Ugh. Her fake boobs were so obvious, and her long legs were slender without a single sign of any muscle tone. I could snap her like a twig, even though she was half a foot taller than me. She had a fall of artful curls that she’d dyed platinum blonde.

She was his type. Bastian seemed to like willowy, well-groomed, and temporary.

They spoke for a short time, then she left with a smile. But he’d smiled at her and touched her cheek. I gritted my teeth.

I had to kill him.

Anger flooded me. There. I liked that much better.

Bastian had killed my mentor.

Ed.

Grief was a hollow feeling. An emptiness.

I breathed through it. My parents had been murdered when I was ten. I barely remembered them now. I did remember that they’d locked me in a closet when our isolated cabin had been attacked. I’d heard the entire assault.

I’d heard them die.

My hands gripped the side of the slot machine. The images only came in bits and pieces. My entire existence before the age of ten was just faded and tarnished memories of another life.
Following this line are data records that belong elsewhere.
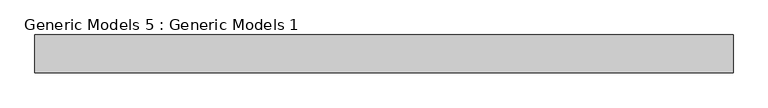
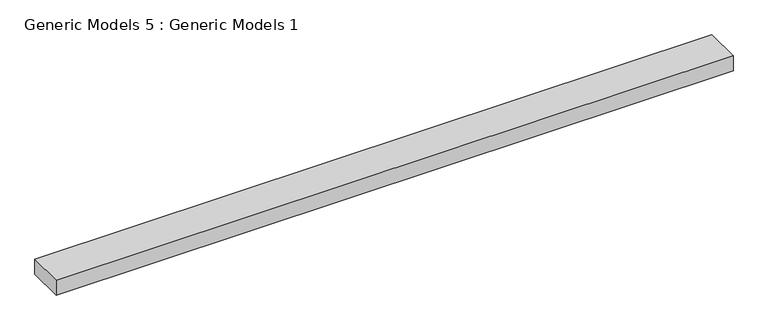
"""IFC4 building model written with IfcOpenShell, lengths in millimetres: proxy geometry, Generic Models 5 : Generic Models 1."""

from ifc_helpers import new_model, si_unit, frame, origin, place, context, project, spatial, polyline, outline, extrude, source, transform, mapped, element, save


def generic_models_5_generic_models_1_92fab196(model_context):
    return source(origin(), model_context, "Body", "SweptSolid", [
        extrude(outline(polyline([(179.4173869, -8059.5844117), (-11107.9539306, -8059.5844117), (-11107.9539306, -7449.9844117), (179.4173869, -7449.9844117), (179.4173869, -8059.5844117)])), frame((0.0, 0.0, 6137.7541096), z_axis=(0.0, 0.0, 1.0), x_axis=(1.0, 0.0, 0.0)), (0.0, 0.0, 1.0), 263.0458904),
    ])


if __name__ == "__main__":
    model = new_model("IFC4")
    model_context = context("Model", 3, world=origin())
    ifc_project = project(units=[si_unit("LENGTHUNIT", "METRE", prefix="MILLI")], contexts=[model_context])
    site = spatial("IfcSite", under=ifc_project)
    building = spatial("IfcBuilding", under=site)
    placement = place(None, origin())
    generic_models_5_generic_models_1_shape = generic_models_5_generic_models_1_92fab196(model_context)
    element("IfcBuildingElementProxy", 1, Name="Generic Models 5 : Generic Models 1", ObjectType="Generic Models 5 : Generic Models 1", at=placement, inside=building, context=model_context, shape_type="MappedRepresentation", body=[
        mapped(generic_models_5_generic_models_1_shape, transform((0.0, 0.0, 0.0), x_axis=(1.0, 0.0, 0.0), y_axis=(0.0, 1.0, 0.0), z_axis=(0.0, 0.0, 1.0))),
    ])
    save(model, "model.ifc")

# Revit data of these elements
# Element 1 (IfcBuildingElementProxy, "Generic Models 5 : Generic Models 1")
#   Materials on its faces: "Clad - White"
# Materials
#   "Clad - White": class "Wood", colour RGB 242 242 238, transparency 0, Cost = 0
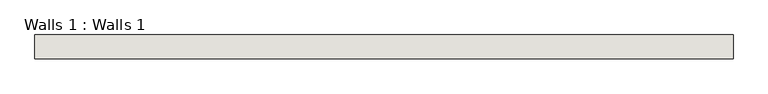
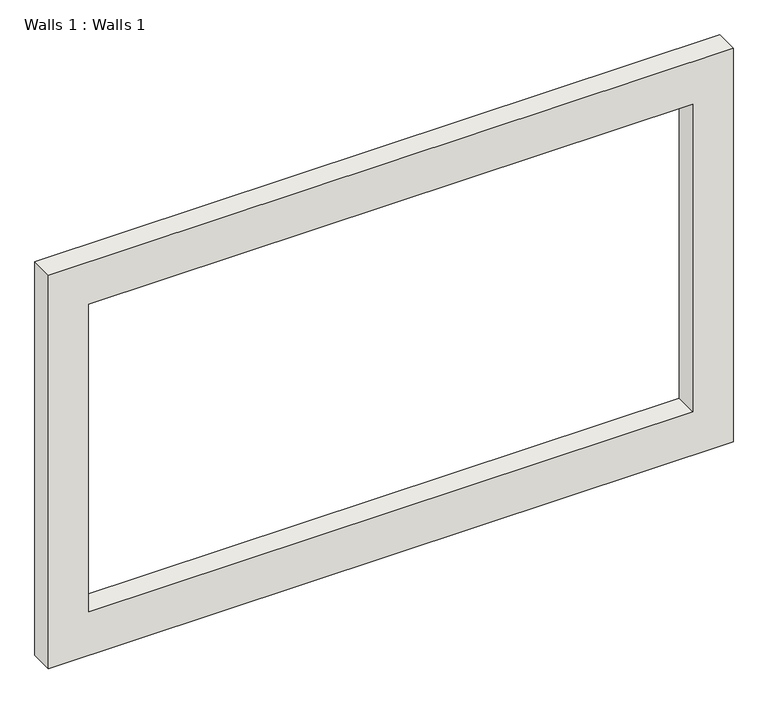
"""IFC4 building model written with IfcOpenShell, lengths in millimetres: wall geometry, Walls 1 : Walls 1."""

from ifc_helpers import new_model, si_unit, frame, origin, place, context, project, spatial, polyline, outline, extrude, source, transform, mapped, element, save


def walls_1_walls_1_d8ce8ff7(model_context):
    return source(origin(), model_context, "Body", "SweptSolid", [
        extrude(outline(polyline([(6661.7693979, 1712.6958607), (6661.7693979, -878.1041393), (5086.9693979, -878.1041393), (5086.9693979, 1712.6958607), (6661.7693979, 1712.6958607)]), holes=[polyline([(6492.024337, 1560.0533085), (5261.1422066, 1560.0533085), (5261.1422066, -725.9466915), (6492.024337, -725.9466915), (6492.024337, 1560.0533085)])]), frame((0.0, -4077.5243623, 0.0), z_axis=(0.0, 1.0, 0.0), x_axis=(0.0, 0.0, 1.0)), (0.0, 0.0, 1.0), 88.2917869),
    ])


if __name__ == "__main__":
    model = new_model("IFC4")
    model_context = context("Model", 3, world=origin())
    ifc_project = project(units=[si_unit("LENGTHUNIT", "METRE", prefix="MILLI")], contexts=[model_context])
    site = spatial("IfcSite", under=ifc_project)
    building = spatial("IfcBuilding", under=site)
    placement = place(None, origin())
    walls_1_walls_1_shape = walls_1_walls_1_d8ce8ff7(model_context)
    element("IfcWall", 1, ObjectType="Walls 1 : Walls 1", at=placement, inside=building, context=model_context, shape_type="MappedRepresentation", body=[
        mapped(walls_1_walls_1_shape, transform((0.0, 0.0, 0.0), x_axis=(1.0, 0.0, 0.0), y_axis=(0.0, 1.0, 0.0), z_axis=(0.0, 0.0, 1.0))),
    ])
    save(model, "model.ifc")

# Revit data of these elements
# Element 1 (IfcWall, "Walls 1 : Walls 1")
#   Materials on its faces: "Default Wall"
# Materials
#   "Default Wall": colour RGB 128 128 128, transparency 0

Ed had saved me. The CIA agent had carried me from that blood-soaked cabin and given me a fresh start.

He’d trained me to fight, shoot, hunt, track. Every skill I’d needed to protect myself.

Every skill I’d needed to turn into the hunter, instead of the prey.

He’d molded me into an assassin, and he’d become my family.

Then, a year ago, I’d gone on a job. When I’d come back to visit Ed, I’d found him dead in his bed. A single gunshot wound between the eyes.

It had been an execution.

He’d been killed by the Reaper. The most fearsome assassin in the world. One people still whispered about, even though he was supposedly long gone.

He wasn’t gone. He’d just changed his name to Bastian Thorne.

My next breath was ragged. He’d left me a note.

We need to talk

– B.

I hadn’t wanted to talk. I still didn’t want to talk. No, I’d raged and cried and screamed. What I wanted was revenge.

Ed had been my savior, my adopted father. Bastian had ended him.

I rose and walked closer to him. Almost close enough to touch. I kept my shoulders hunched, my walk slow, my gait uneven. The key to a good disguise wasn’t just what you wore, but living and breathing it. Right now, I was an older woman with hip problems.

As I passed by him, my muscles twitched. I could attack him right now. I stared at his back. I could plunge my knife deep. I knew exactly where to hit for maximum impact.

A good assassin never acts on impulse.

That was Ed’s voice.

One of his rules.

I kept walking, slow and steadily. I paused near a bar and glanced back.

Bastian was looking around. Like an impatient king surveying his domain.

How anyone believed that idiot Chance Tyler—the two-bit actor Bastian had hired to pretend to be the owner of Avernus—was the casino’s owner was beyond me. You could see it was bullshit in an instant.

As I watched, Bastian disappeared into an elevator. I turned toward the exit of the casino.

I would kill Bastian.

I would take down my enemy.

I would have my vengeance.

But I wasn’t a good assassin, I was a brilliant one. Ed had forged me into that.

I’d plan. I’d take my time.

I’d make the kill.

Bastian Thorne was a dead man walking.